Can your program handle all of the diverse examples (in different file formats)?

Here is one way to download the data to Colab by downloading my archive and unpacking. The files will be written to subdirectory Testdata

In [None]:
%%bash
ARC=testdata.tar.gz
if [ -e "$ARC" ] ; then rm -rf "$ARC" ; fi
wget "https://www.lix.polytechnique.fr/~will/Teaching/INF588-2021/$ARC" > /dev/null 2>&1
tar xvzf "$ARC"

## You can start coding here...

Some words about coding environments (as already discussed before): It can be convenient to start the work for the project on Colab - in this way, one does not have to install Python, Bioconda and Vienna RNA locally. In the longer run (from next session), it will have advantages to run in a local Jupyter Notebook (e.g. install via ```conda install jupyter```) or some other local Python environment. This is mainly, since running larger computations in Colab is tricky and as well, Colab will require you to reinstall conda, biopython and viennarna in each new Colab session.

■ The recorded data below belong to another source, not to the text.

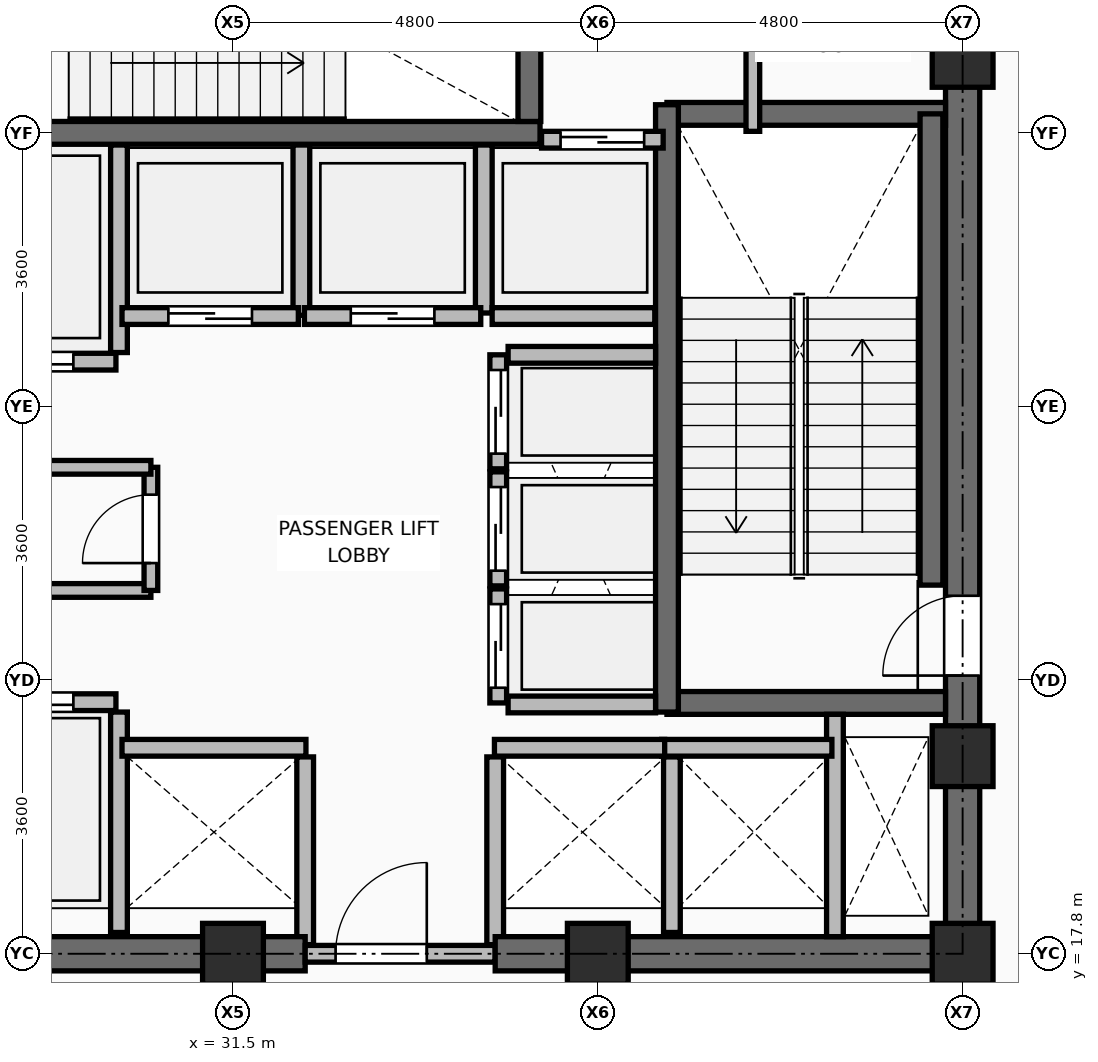
"""IFC4 building model, lengths in metres.
Left out: names, types, materials, properties, quantities, classifications, styles, units other than length and angle.
Written with IfcOpenShell. Run it as: python <this file> out.ifc"""

import sys

from ifc_helpers import new_model, si_unit, direction, frame, frame_2d, origin, origin_2d, place, context, subcontext, project, spatial, rectangle, extrude, element, fill, save


model = new_model("IFC4")
c1 = context("Model", 3, precision=1e-05, world=origin(), true_north=direction((0.0, 1.0)))
c2 = subcontext(c1, "Body", "Model", "MODEL_VIEW")
j1 = project(units=[si_unit("LENGTHUNIT", "METRE"), si_unit("PLANEANGLEUNIT", "RADIAN")], contexts=[c1])
p1 = place(None, origin())
s1 = spatial("IfcSite", under=j1, at=p1, CompositionType="ELEMENT")
p2 = place(p1, origin())
s2 = spatial("IfcBuilding", under=s1, at=p2, CompositionType="ELEMENT")
p3 = place(p2, frame((0.0, 0.0, 181.35)))
s3 = spatial("IfcBuildingStorey", under=s2, at=p3, CompositionType="ELEMENT", Elevation=181.35)
for number, where, z_axis, x_axis in (
    (1, (31.5, 17.8, 0.0), (0.0, 0.0, 1.0), (1.0, 0.0, 0.0)),
    (2, (36.3, 17.8, 0.0), (0.0, 0.0, 1.0), (1.0, 0.0, 0.0)),
    (3, (41.1, 17.8, 0.0), (0.0, 0.0, 1.0), (1.0, 0.0, 0.0)),
    (4, (41.1, 20.4, 0.0), (0.0, 0.0, 1.0), (1.0, 0.0, 0.0)),
    (5, (41.1, 29.6, 0.0), (0.0, 0.0, 1.0), (1.0, 0.0, 0.0)),
):
    element("IfcColumn", number, at=place(p3, frame(where, z_axis=z_axis, x_axis=x_axis)), inside=s3, PredefinedType="COLUMN", context=c2, shape_type="SweptSolid", body=[
        extrude(rectangle(XDim=0.8, YDim=0.8, at=origin_2d()), origin(), (0.0, 0.0, 1.0), 4.8),
    ])
p4 = place(p3, frame((30.0, 18.08, 0.0), z_axis=(0.0, 0.0, 1.0), x_axis=(0.0, 1.0, 0.0)))
e6 = element("IfcWall", 6, at=p4, inside=s3, PredefinedType="PARTITIONING", context=c2, shape_type="SweptSolid", body=[
    extrude(rectangle(XDim=2.9, YDim=0.22, at=frame_2d((1.45, 0.0))), origin(), (0.0, 0.0, 1.0), 4.595),
])
for number, where, z_axis, x_axis in (
    (7, (32.45, 17.92, 0.0), (0.0, 0.0, 1.0), (0.0, 1.0, 0.0)),
    (8, (34.95, 17.92, 0.0), (0.0, 0.0, 1.0), (0.0, 1.0, 0.0)),
):
    element("IfcWall", number, at=place(p3, frame(where, z_axis=z_axis, x_axis=x_axis)), inside=s3, PredefinedType="PARTITIONING", context=c2, shape_type="SweptSolid", body=[
        extrude(rectangle(XDim=2.47, YDim=0.22, at=frame_2d((1.235, 0.0))), origin(), (0.0, 0.0, 1.0), 4.595),
    ])
p5 = place(p3, frame((37.275, 18.08, 0.0), z_axis=(0.0, 0.0, 1.0), x_axis=(0.0, 1.0, 0.0)))
e9 = element("IfcWall", 9, at=p5, inside=s3, PredefinedType="PARTITIONING", context=c2, shape_type="SweptSolid", body=[
    extrude(rectangle(XDim=2.31, YDim=0.22, at=frame_2d((1.155, 0.0))), origin(), (0.0, 0.0, 1.0), 4.595),
])
p6 = place(p3, frame((30.0, 25.71, 0.0), z_axis=(0.0, 0.0, 1.0), x_axis=(0.0, 1.0, 0.0)))
e10 = element("IfcWall", 10, at=p6, inside=s3, PredefinedType="PARTITIONING", context=c2, shape_type="SweptSolid", body=[
    extrude(rectangle(XDim=2.73, YDim=0.22, at=frame_2d((1.365, 0.0))), origin(), (0.0, 0.0, 1.0), 4.595),
])
p7 = place(p3, frame((32.4, 26.2, 0.0), z_axis=(0.0, 0.0, 1.0), x_axis=(0.0, 1.0, 0.0)))
e11 = element("IfcWall", 11, at=p7, inside=s3, PredefinedType="PARTITIONING", context=c2, shape_type="SweptSolid", body=[
    extrude(rectangle(XDim=2.24, YDim=0.22, at=frame_2d((1.12, 0.0))), origin(), (0.0, 0.0, 1.0), 4.595),
])
p8 = place(p3, frame((34.8, 26.23, 0.0), z_axis=(0.0, 0.0, 1.0), x_axis=(0.0, 1.0, 0.0)))
e12 = element("IfcWall", 12, at=p8, inside=s3, PredefinedType="PARTITIONING", context=c2, shape_type="SweptSolid", body=[
    extrude(rectangle(XDim=2.21, YDim=0.22, at=frame_2d((1.105, 0.0))), origin(), (0.0, 0.0, 1.0), 4.595),
])
p9 = place(p3, frame((34.91, 26.19, 0.0), z_axis=(0.0, 0.0, 1.0), x_axis=(1.0, 0.0, 0.0)))
e13 = element("IfcWall", 13, at=p9, inside=s3, PredefinedType="PARTITIONING", context=c2, shape_type="SweptSolid", body=[
    extrude(rectangle(XDim=2.14, YDim=0.22, at=frame_2d((1.07, 0.0))), origin(), (0.0, 0.0, 1.0), 4.595),
])
p10 = place(p3, frame((25.55, 17.8, 0.0), z_axis=(0.0, 0.0, 1.0), x_axis=(1.0, 0.0, 0.0)))
e14 = element("IfcWall", 14, at=p10, inside=s3, PredefinedType="SHEAR", context=c2, shape_type="SweptSolid", body=[
    extrude(rectangle(XDim=6.9, YDim=0.45, at=frame_2d((3.45, 0.0))), origin(), (0.0, 0.0, 1.0), 4.62),
])
p11 = place(p3, frame((32.45, 17.8, 0.0), z_axis=(0.0, 0.0, 1.0), x_axis=(1.0, 0.0, 0.0)))
e15 = element("IfcWall", 15, at=p11, inside=s3, PredefinedType="PARTITIONING", context=c2, shape_type="SweptSolid", body=[
    extrude(rectangle(XDim=2.5, YDim=0.22, at=frame_2d((1.25, 0.0))), origin(), (0.0, 0.0, 1.0), 4.131),
])
p12 = place(p11, frame((0.4, 0.0, 0.0)))
e16 = element("IfcOpeningElement", 16, at=p12, cuts=e15, PredefinedType="OPENING", context=c2, shape_type="SweptSolid", body=[
    extrude(rectangle(XDim=1.2, YDim=2.1, at=frame_2d((0.6, 1.05))), frame((0.0, 0.12, 0.0), z_axis=(0.0, -1.0, 0.0), x_axis=(1.0, 0.0, 0.0)), (0.0, 0.0, 1.0), 0.24),
])
p13 = place(p3, frame((34.95, 17.8, 0.0), z_axis=(0.0, 0.0, 1.0), x_axis=(1.0, 0.0, 0.0)))
e17 = element("IfcWall", 17, at=p13, inside=s3, PredefinedType="SHEAR", context=c2, shape_type="SweptSolid", body=[
    extrude(rectangle(XDim=6.375, YDim=0.45, at=frame_2d((3.188, 0.0))), origin(), (0.0, 0.0, 1.0), 4.62),
])
p14 = place(p3, frame((41.1, 18.025, 0.0), z_axis=(0.0, 0.0, 1.0), x_axis=(0.0, 1.0, 0.0)))
e18 = element("IfcWall", 18, at=p14, inside=s3, PredefinedType="SHEAR", context=c2, shape_type="SweptSolid", body=[
    extrude(rectangle(XDim=14.2, YDim=0.45, at=frame_2d((7.1, 0.0))), origin(), (0.0, 0.0, 1.0), 4.62),
])
p15 = place(p14, frame((3.435, 0.0, 0.0)))
e19 = element("IfcOpeningElement", 19, at=p15, cuts=e18, PredefinedType="OPENING", context=c2, shape_type="SweptSolid", body=[
    extrude(rectangle(XDim=1.05, YDim=2.1, at=frame_2d((0.525, 1.05))), frame((0.0, 0.235, 0.0), z_axis=(0.0, -1.0, 0.0), x_axis=(1.0, 0.0, 0.0)), (0.0, 0.0, 1.0), 0.47),
])
for number, where, z_axis, x_axis in (
    (20, (37.21, 21.1, 0.0), (0.0, 0.0, 1.0), (1.0, 0.0, 0.0)),
    (21, (37.21, 28.85, 0.0), (0.0, 0.0, 1.0), (1.0, 0.0, 0.0)),
):
    element("IfcWall", number, at=place(p3, frame(where, z_axis=z_axis, x_axis=x_axis)), inside=s3, PredefinedType="SHEAR", context=c2, shape_type="SweptSolid", body=[
        extrude(rectangle(XDim=3.665, YDim=0.3, at=frame_2d((1.833, 0.0))), origin(), (0.0, 0.0, 1.0), 4.62),
    ])
p16 = place(p3, frame((37.21, 20.98, 0.0), z_axis=(0.0, 0.0, 1.0), x_axis=(0.0, 1.0, 0.0)))
e22 = element("IfcWall", 22, at=p16, inside=s3, PredefinedType="SHEAR", context=c2, shape_type="SweptSolid", body=[
    extrude(rectangle(XDim=7.99, YDim=0.3, at=frame_2d((3.995, 0.0))), origin(), (0.0, 0.0, 1.0), 4.62),
])
p17 = place(p3, frame((40.69, 22.65, 0.0), z_axis=(0.0, 0.0, 1.0), x_axis=(0.0, 1.0, 0.0)))
e23 = element("IfcWall", 23, at=p17, inside=s3, PredefinedType="SHEAR", context=c2, shape_type="SweptSolid", body=[
    extrude(rectangle(XDim=6.2, YDim=0.3, at=frame_2d((3.1, 0.0))), origin(), (0.0, 0.0, 1.0), 4.62),
])
p18 = place(p3, frame((27.51, 28.6, 0.0), z_axis=(0.0, 0.0, 1.0), x_axis=(1.0, 0.0, 0.0)))
e24 = element("IfcWall", 24, at=p18, inside=s3, PredefinedType="SHEAR", context=c2, shape_type="SweptSolid", body=[
    extrude(rectangle(XDim=8.03, YDim=0.3, at=frame_2d((4.015, 0.0))), origin(), (0.0, 0.0, 1.0), 4.62),
])
p19 = place(p3, frame((35.4, 28.75, 0.0), z_axis=(0.0, 0.0, 1.0), x_axis=(0.0, 1.0, 0.0)))
e25 = element("IfcWall", 25, at=p19, inside=s3, PredefinedType="SHEAR", context=c2, shape_type="SweptSolid", body=[
    extrude(rectangle(XDim=3.475, YDim=0.3, at=frame_2d((1.738, 0.0))), origin(), (0.0, 0.0, 1.0), 4.62),
])
p20 = place(p3, frame((39.42, 18.025, 0.0), z_axis=(0.0, 0.0, 1.0), x_axis=(0.0, 1.0, 0.0)))
e26 = element("IfcWall", 26, at=p20, inside=s3, PredefinedType="PARTITIONING", context=c2, shape_type="SweptSolid", body=[
    extrude(rectangle(XDim=2.925, YDim=0.22, at=frame_2d((1.462, 0.0))), origin(), (0.0, 0.0, 1.0), 4.6),
])
p21 = place(p3, frame((27.74, 21.11, 0.0), z_axis=(0.0, 0.0, 1.0), x_axis=(1.0, 0.0, 0.0)))
e27 = element("IfcWall", 27, at=p21, inside=s3, PredefinedType="PARTITIONING", context=c2, shape_type="SweptSolid", body=[
    extrude(rectangle(XDim=2.22, YDim=0.22, at=frame_2d((1.11, 0.0))), origin(), (0.0, 0.0, 1.0), 4.6),
])
p22 = place(p21, frame((0.56, 0.0, 0.0)))
e28 = element("IfcOpeningElement", 28, at=p22, cuts=e27, PredefinedType="OPENING", context=c2, shape_type="SweptSolid", body=[
    extrude(rectangle(XDim=1.1, YDim=2.2, at=frame_2d((0.55, 1.1))), frame((0.0, 0.12, 0.0), z_axis=(0.0, -1.0, 0.0), x_axis=(1.0, 0.0, 0.0)), (0.0, 0.0, 1.0), 0.24),
])
p23 = place(p3, frame((27.74, 25.59, 0.0), z_axis=(0.0, 0.0, 1.0), x_axis=(1.0, 0.0, 0.0)))
e29 = element("IfcWall", 29, at=p23, inside=s3, PredefinedType="PARTITIONING", context=c2, shape_type="SweptSolid", body=[
    extrude(rectangle(XDim=2.22, YDim=0.22, at=frame_2d((1.11, 0.0))), origin(), (0.0, 0.0, 1.0), 4.6),
])
p24 = place(p23, frame((0.56, 0.0, 0.0)))
e30 = element("IfcOpeningElement", 30, at=p24, cuts=e29, PredefinedType="OPENING", context=c2, shape_type="SweptSolid", body=[
    extrude(rectangle(XDim=1.1, YDim=2.2, at=frame_2d((0.55, 1.1))), frame((0.0, 0.12, 0.0), z_axis=(0.0, -1.0, 0.0), x_axis=(1.0, 0.0, 0.0)), (0.0, 0.0, 1.0), 0.24),
])
p25 = place(p3, frame((30.04, 20.51, 0.0), z_axis=(0.0, 0.0, 1.0), x_axis=(1.0, 0.0, 0.0)))
e31 = element("IfcWall", 31, at=p25, inside=s3, PredefinedType="PARTITIONING", context=c2, shape_type="SweptSolid", body=[
    extrude(rectangle(XDim=2.42, YDim=0.22, at=frame_2d((1.21, 0.0))), origin(), (0.0, 0.0, 1.0), 4.6),
])
for number, where, z_axis, x_axis in (
    (32, (37.14, 20.51, 0.0), (0.0, 0.0, 1.0), (1.0, 0.0, 0.0)),
    (33, (34.94, 20.51, 0.0), (0.0, 0.0, 1.0), (1.0, 0.0, 0.0)),
):
    element("IfcWall", number, at=place(p3, frame(where, z_axis=z_axis, x_axis=x_axis)), inside=s3, PredefinedType="PARTITIONING", context=c2, shape_type="SweptSolid", body=[
        extrude(rectangle(XDim=2.24, YDim=0.22, at=frame_2d((1.12, 0.0))), origin(), (0.0, 0.0, 1.0), 4.6),
    ])
p26 = place(p3, frame((30.04, 26.19, 0.0), z_axis=(0.0, 0.0, 1.0), x_axis=(1.0, 0.0, 0.0)))
e34 = element("IfcWall", 34, at=p26, inside=s3, PredefinedType="PARTITIONING", context=c2, shape_type="SweptSolid", body=[
    extrude(rectangle(XDim=2.32, YDim=0.22, at=frame_2d((1.16, 0.0))), origin(), (0.0, 0.0, 1.0), 4.6),
])
p27 = place(p26, frame((0.61, 0.0, 0.0)))
e35 = element("IfcOpeningElement", 35, at=p27, cuts=e34, PredefinedType="OPENING", context=c2, shape_type="SweptSolid", body=[
    extrude(rectangle(XDim=1.1, YDim=2.2, at=frame_2d((0.55, 1.1))), frame((0.0, 0.12, 0.0), z_axis=(0.0, -1.0, 0.0), x_axis=(1.0, 0.0, 0.0)), (0.0, 0.0, 1.0), 0.24),
])
p28 = place(p3, frame((32.44, 26.19, 0.0), z_axis=(0.0, 0.0, 1.0), x_axis=(1.0, 0.0, 0.0)))
e36 = element("IfcWall", 36, at=p28, inside=s3, PredefinedType="PARTITIONING", context=c2, shape_type="SweptSolid", body=[
    extrude(rectangle(XDim=2.32, YDim=0.22, at=frame_2d((1.16, 0.0))), origin(), (0.0, 0.0, 1.0), 4.6),
])
p29 = place(p28, frame((0.61, 0.0, 0.0)))
e37 = element("IfcOpeningElement", 37, at=p29, cuts=e36, PredefinedType="OPENING", context=c2, shape_type="SweptSolid", body=[
    extrude(rectangle(XDim=1.1, YDim=2.2, at=frame_2d((0.55, 1.1))), frame((0.0, 0.12, 0.0), z_axis=(0.0, -1.0, 0.0), x_axis=(1.0, 0.0, 0.0)), (0.0, 0.0, 1.0), 0.24),
])
p30 = place(p3, frame((35.56, 28.51, 0.0), z_axis=(0.0, 0.0, 1.0), x_axis=(1.0, 0.0, 0.0)))
e38 = element("IfcWall", 38, at=p30, inside=s3, PredefinedType="PARTITIONING", context=c2, shape_type="SweptSolid", body=[
    extrude(rectangle(XDim=1.6, YDim=0.22, at=frame_2d((0.8, 0.0))), origin(), (0.0, 0.0, 1.0), 4.6),
])
p31 = place(p30, frame((0.25, 0.0, 0.0)))
e39 = element("IfcOpeningElement", 39, at=p31, cuts=e38, PredefinedType="OPENING", context=c2, shape_type="SweptSolid", body=[
    extrude(rectangle(XDim=1.1, YDim=2.2, at=frame_2d((0.55, 1.1))), frame((0.0, 0.12, 0.0), z_axis=(0.0, -1.0, 0.0), x_axis=(1.0, 0.0, 0.0)), (0.0, 0.0, 1.0), 0.24),
])
p32 = place(p3, frame((34.99, 21.1, 0.0), z_axis=(0.0, 0.0, 1.0), x_axis=(0.0, 1.0, 0.0)))
e40 = element("IfcWall", 40, at=p32, inside=s3, PredefinedType="PARTITIONING", context=c2, shape_type="SweptSolid", body=[
    extrude(rectangle(XDim=1.5, YDim=0.22, at=frame_2d((0.75, 0.0))), origin(), (0.0, 0.0, 1.0), 4.6),
])
p33 = place(p32, frame((0.2, 0.0, 0.0)))
e41 = element("IfcOpeningElement", 41, at=p33, cuts=e40, PredefinedType="OPENING", context=c2, shape_type="SweptSolid", body=[
    extrude(rectangle(XDim=1.1, YDim=2.2, at=frame_2d((0.55, 1.1))), frame((0.0, 0.12, 0.0), z_axis=(0.0, -1.0, 0.0), x_axis=(1.0, 0.0, 0.0)), (0.0, 0.0, 1.0), 0.24),
])
p34 = place(p3, frame((34.99, 22.64, 0.0), z_axis=(0.0, 0.0, 1.0), x_axis=(0.0, 1.0, 0.0)))
e42 = element("IfcWall", 42, at=p34, inside=s3, PredefinedType="PARTITIONING", context=c2, shape_type="SweptSolid", body=[
    extrude(rectangle(XDim=1.5, YDim=0.22, at=frame_2d((0.75, 0.0))), origin(), (0.0, 0.0, 1.0), 4.6),
])
p35 = place(p34, frame((0.2, 0.0, 0.0)))
e43 = element("IfcOpeningElement", 43, at=p35, cuts=e42, PredefinedType="OPENING", context=c2, shape_type="SweptSolid", body=[
    extrude(rectangle(XDim=1.1, YDim=2.2, at=frame_2d((0.55, 1.1))), frame((0.0, 0.12, 0.0), z_axis=(0.0, -1.0, 0.0), x_axis=(1.0, 0.0, 0.0)), (0.0, 0.0, 1.0), 0.24),
])
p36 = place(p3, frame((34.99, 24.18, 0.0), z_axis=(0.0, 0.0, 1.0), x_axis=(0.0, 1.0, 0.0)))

Unfortunately, Windows-users have the problem that the Vienna RNA package Python bindings / using ```module RNA``` will not work locally - a reasonable workaround can be to call the RNA prediction tools via system calls and parse their output (the Section "Using command line tools" shows how to do this).